Hutchison China MediTech (Chi-Med) has commenced a Phase I/II clinical trial of HMPL-453 in China for the treatment of solid tumours in patients carrying fibroblast growth factor receptor (FGFR) genetic alteration.
HMPL-453 is a highly selective and potent small-molecule inhibitor of fibroblast growth factor receptors (FGFR) one, two and three.
Designed to complement an ongoing Phase I trial in Australia, the multi-centre, single-arm, open-label, two-part Phase I/II trial will investigate the safety, tolerability, preliminary efficacy and pharmacokinetics (PK) of HMPL-453 as a monotherapy.
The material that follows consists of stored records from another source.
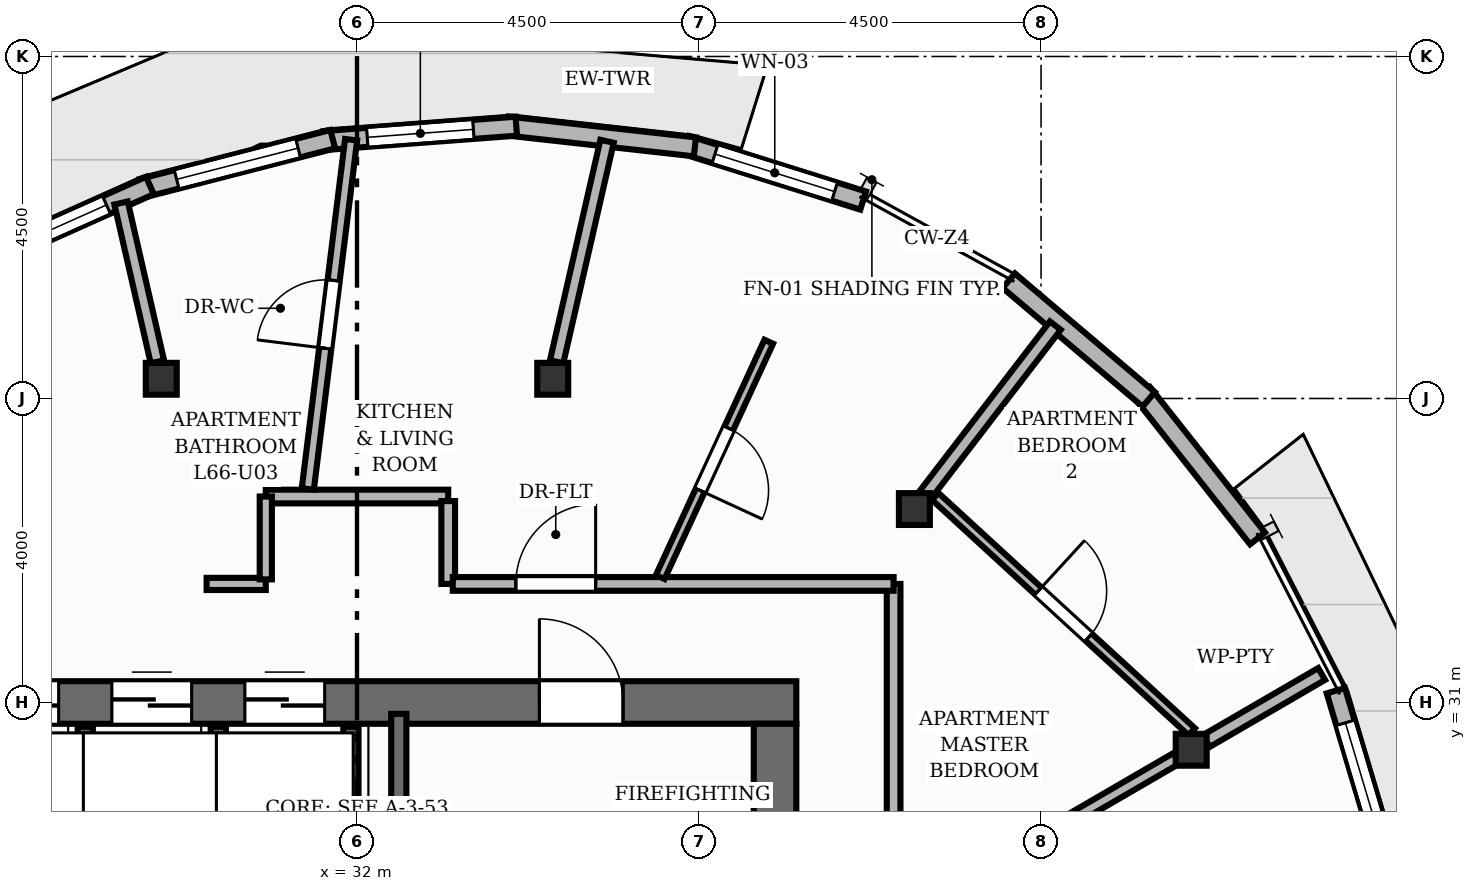
"""IFC4 building model, lengths in metres.
Left out: names, types, materials, properties, quantities, classifications, styles, units other than length and angle.
Written with IfcOpenShell. Run it as: python <this file> out.ifc"""

import sys

from ifc_helpers import new_model, si_unit, direction, frame, frame_2d, origin, origin_2d, place, context, subcontext, project, spatial, rectangle, i_section, extrude, element, fill, save


model = new_model("IFC4")
c1 = context("Model", 3, precision=1e-05, world=origin(), true_north=direction((0.0, 1.0)))
c2 = subcontext(c1, "Body", "Model", "MODEL_VIEW")
j1 = project(units=[si_unit("LENGTHUNIT", "METRE"), si_unit("PLANEANGLEUNIT", "RADIAN")], contexts=[c1])
p1 = place(None, origin())
s1 = spatial("IfcSite", under=j1, at=p1, CompositionType="ELEMENT")
p2 = place(p1, origin())
s2 = spatial("IfcBuilding", under=s1, at=p2, CompositionType="ELEMENT")
p3 = place(p2, frame((0.0, 0.0, 220.64)))
s3 = spatial("IfcBuildingStorey", under=s2, at=p3, CompositionType="ELEMENT", Elevation=220.64)
p4 = place(p3, frame((26.22, 31.0, 0.0), z_axis=(0.0, 0.0, 1.0), x_axis=(1.0, 0.0, 0.0)))
e1 = element("IfcWall", 1, at=p4, inside=s3, PredefinedType="SHEAR", context=c2, shape_type="SweptSolid", body=[
    extrude(rectangle(XDim=11.56, YDim=0.56, at=frame_2d((5.78, 0.0))), origin(), (0.0, 0.0, 1.0), 3.2),
])
p5 = place(p4, frame((8.18, 0.0, 0.0)))
e2 = element("IfcOpeningElement", 2, at=p5, cuts=e1, PredefinedType="OPENING", context=c2, shape_type="SweptSolid", body=[
    extrude(rectangle(XDim=1.1, YDim=2.15, at=frame_2d((0.55, 1.075))), frame((0.0, 0.29, 0.0), z_axis=(0.0, -1.0, 0.0), x_axis=(1.0, 0.0, 0.0)), (0.0, 0.0, 1.0), 0.58),
])
p6 = place(p4, frame((0.805, 0.0, 0.0)))
e3 = element("IfcOpeningElement", 3, at=p6, cuts=e1, PredefinedType="OPENING", context=c2, shape_type="SweptSolid", body=[
    extrude(rectangle(XDim=1.05, YDim=2.15, at=frame_2d((0.525, 1.075))), frame((0.0, 0.29, 0.0), z_axis=(0.0, -1.0, 0.0), x_axis=(1.0, 0.0, 0.0)), (0.0, 0.0, 1.0), 0.58),
])
p7 = place(p4, frame((2.555, 0.0, 0.0)))
e4 = element("IfcOpeningElement", 4, at=p7, cuts=e1, PredefinedType="OPENING", context=c2, shape_type="SweptSolid", body=[
    extrude(rectangle(XDim=1.05, YDim=2.15, at=frame_2d((0.525, 1.075))), frame((0.0, 0.29, 0.0), z_axis=(0.0, -1.0, 0.0), x_axis=(1.0, 0.0, 0.0)), (0.0, 0.0, 1.0), 0.58),
])
p8 = place(p4, frame((4.305, 0.0, 0.0)))
e5 = element("IfcOpeningElement", 5, at=p8, cuts=e1, PredefinedType="OPENING", context=c2, shape_type="SweptSolid", body=[
    extrude(rectangle(XDim=1.05, YDim=2.15, at=frame_2d((0.525, 1.075))), frame((0.0, 0.29, 0.0), z_axis=(0.0, -1.0, 0.0), x_axis=(1.0, 0.0, 0.0)), (0.0, 0.0, 1.0), 0.58),
])
p9 = place(p3, frame((37.5, 17.28, 0.0), z_axis=(0.0, 0.0, 1.0), x_axis=(0.0, 1.0, 0.0)))
e6 = element("IfcWall", 6, at=p9, inside=s3, PredefinedType="SHEAR", context=c2, shape_type="SweptSolid", body=[
    extrude(rectangle(XDim=13.44, YDim=0.56, at=frame_2d((6.72, 0.0))), origin(), (0.0, 0.0, 1.0), 3.2),
])
for number, where, z_axis, x_axis in (
    (7, (42.975, 30.378, 0.0), (0.0, 0.0, 1.0), (1.0, 0.0, 0.0)),
    (8, (39.333, 33.545, 0.0), (0.0, 0.0, 1.0), (1.0, 0.0, 0.0)),
    (9, (34.575, 35.26, 0.0), (0.0, 0.0, 1.0), (1.0, 0.0, 0.0)),
    (10, (29.425, 35.26, 0.0), (0.0, 0.0, 1.0), (1.0, 0.0, 0.0)),
):
    element("IfcColumn", number, at=place(p3, frame(where, z_axis=z_axis, x_axis=x_axis)), inside=s3, PredefinedType="COLUMN", context=c2, shape_type="SweptSolid", body=[
        extrude(i_section(OverallWidth=0.407, OverallDepth=0.419, WebThickness=0.031, FlangeThickness=0.049, at=origin_2d()), origin(), (0.0, 0.0, 1.0), 3.2),
    ])
p10 = place(p3, frame((36.334, 38.334, 0.0), z_axis=(0.0, 0.0, 1.0), x_axis=(0.95407801166, -0.299558254212, 0.0)))
e11 = element("IfcWall", 11, at=p10, inside=s3, PredefinedType="SOLIDWALL", context=c2, shape_type="SweptSolid", body=[
    extrude(rectangle(XDim=2.437, YDim=0.25, at=frame_2d((1.218, 0.0))), origin(), (0.0, 0.0, 1.0), 2.96),
])
p11 = place(p10, frame((0.393, 0.0, 0.85)))
e12 = element("IfcOpeningElement", 12, at=p11, cuts=e11, PredefinedType="OPENING", context=c2, shape_type="SweptSolid", body=[
    extrude(rectangle(XDim=1.65, YDim=1.55, at=frame_2d((0.825, 0.775))), frame((0.0, 0.135, 0.0), z_axis=(0.0, -1.0, 0.0), x_axis=(1.0, 0.0, 0.0)), (0.0, 0.0, 1.0), 0.27),
])
p12 = place(p3, frame((33.983, 38.585, 0.0), z_axis=(0.0, 0.0, 1.0), x_axis=(0.993859679734, -0.110647806121, 0.0)))
e13 = element("IfcWall", 13, at=p12, inside=s3, PredefinedType="SOLIDWALL", context=c2, shape_type="SweptSolid", body=[
    extrude(rectangle(XDim=2.478, YDim=0.25, at=frame_2d((1.239, 0.0))), origin(), (0.0, 0.0, 1.0), 2.96),
])
p13 = place(p3, frame((31.571, 38.394, 0.0), z_axis=(0.0, 0.0, 1.0), x_axis=(0.997203982256, 0.074727623888, 0.0)))
e14 = element("IfcWall", 14, at=p13, inside=s3, PredefinedType="SOLIDWALL", context=c2, shape_type="SweptSolid", body=[
    extrude(rectangle(XDim=2.532, YDim=0.25, at=frame_2d((1.266, 0.0))), origin(), (0.0, 0.0, 1.0), 2.96),
])
p14 = place(p13, frame((0.566, 0.0, 0.85)))
e15 = element("IfcOpeningElement", 15, at=p14, cuts=e14, PredefinedType="OPENING", context=c2, shape_type="SweptSolid", body=[
    extrude(rectangle(XDim=1.4, YDim=1.55, at=frame_2d((0.7, 0.775))), frame((0.0, 0.135, 0.0), z_axis=(0.0, -1.0, 0.0), x_axis=(1.0, 0.0, 0.0)), (0.0, 0.0, 1.0), 0.27),
])
p15 = place(p3, frame((29.171, 37.766, 0.0), z_axis=(0.0, 0.0, 1.0), x_axis=(0.968423445169, 0.249311112562, 0.0)))
e16 = element("IfcWall", 16, at=p15, inside=s3, PredefinedType="SOLIDWALL", context=c2, shape_type="SweptSolid", body=[
    extrude(rectangle(XDim=2.592, YDim=0.25, at=frame_2d((1.296, 0.0))), origin(), (0.0, 0.0, 1.0), 2.96),
])
p16 = place(p15, frame((0.471, 0.0, 0.85)))
e17 = element("IfcOpeningElement", 17, at=p16, cuts=e16, PredefinedType="OPENING", context=c2, shape_type="SweptSolid", body=[
    extrude(rectangle(XDim=1.65, YDim=1.55, at=frame_2d((0.825, 0.775))), frame((0.0, 0.135, 0.0), z_axis=(0.0, -1.0, 0.0), x_axis=(1.0, 0.0, 0.0)), (0.0, 0.0, 1.0), 0.27),
])
p17 = place(p3, frame((26.855, 36.719, 0.0), z_axis=(0.0, 0.0, 1.0), x_axis=(0.912779399898, 0.408452894617, 0.0)))
e18 = element("IfcWall", 18, at=p17, inside=s3, PredefinedType="SOLIDWALL", context=c2, shape_type="SweptSolid", body=[
    extrude(rectangle(XDim=2.651, YDim=0.25, at=frame_2d((1.325, 0.0))), origin(), (0.0, 0.0, 1.0), 2.96),
])
p18 = place(p17, frame((0.625, 0.0, 0.85)))
e19 = element("IfcOpeningElement", 19, at=p18, cuts=e18, PredefinedType="OPENING", context=c2, shape_type="SweptSolid", body=[
    extrude(rectangle(XDim=1.4, YDim=1.52, at=frame_2d((0.7, 0.76))), frame((0.0, 0.135, 0.0), z_axis=(0.0, -1.0, 0.0), x_axis=(1.0, 0.0, 0.0)), (0.0, 0.0, 1.0), 0.27),
])
p19 = place(p3, frame((44.878, 31.156, 0.0), z_axis=(0.0, 0.0, 1.0), x_axis=(0.285604720301, -0.958347506775, 0.0)))
e20 = element("IfcWall", 20, at=p19, inside=s3, PredefinedType="SOLIDWALL", context=c2, shape_type="SweptSolid", body=[
    extrude(rectangle(XDim=2.532, YDim=0.25, at=frame_2d((1.266, 0.0))), origin(), (0.0, 0.0, 1.0), 2.96),
])
p20 = place(p19, frame((0.441, 0.0, 0.85)))
e21 = element("IfcOpeningElement", 21, at=p20, cuts=e20, PredefinedType="OPENING", context=c2, shape_type="SweptSolid", body=[
    extrude(rectangle(XDim=1.65, YDim=1.55, at=frame_2d((0.825, 0.775))), frame((0.0, 0.135, 0.0), z_axis=(0.0, -1.0, 0.0), x_axis=(1.0, 0.0, 0.0)), (0.0, 0.0, 1.0), 0.27),
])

The initial dose-escalation part of the trial will include locally advanced or metastatic solid tumour patients for whom, irrespective of their genetic status, standard therapy does not exist or was ineffective or intolerable
The first part will establish the maximum tolerated dose (MTD) and recommended dose for Phase II.
The second dose-expansion part will assess the safety, tolerability, preliminary anti-tumour efficacy and PK at the recommended Phase II dose.
Patients with FGFR dysregulated tumours and other solid tumours such as advanced bladder cancer and advanced cholangiocarcinoma will be included in the second part.
The primary endpoint of the dose-expansion part is objective response rate (ORR), while secondary endpoints include safety, duration of response (DoR), progression-free survival (PFS), disease control rate (DCR) and overall survival (OS).
According to the data from pre-clinical studies, HMPL-453 indicated superior potency, better kinase selectivity and a favourable safety profile, when compared to other drugs belonging to the same class.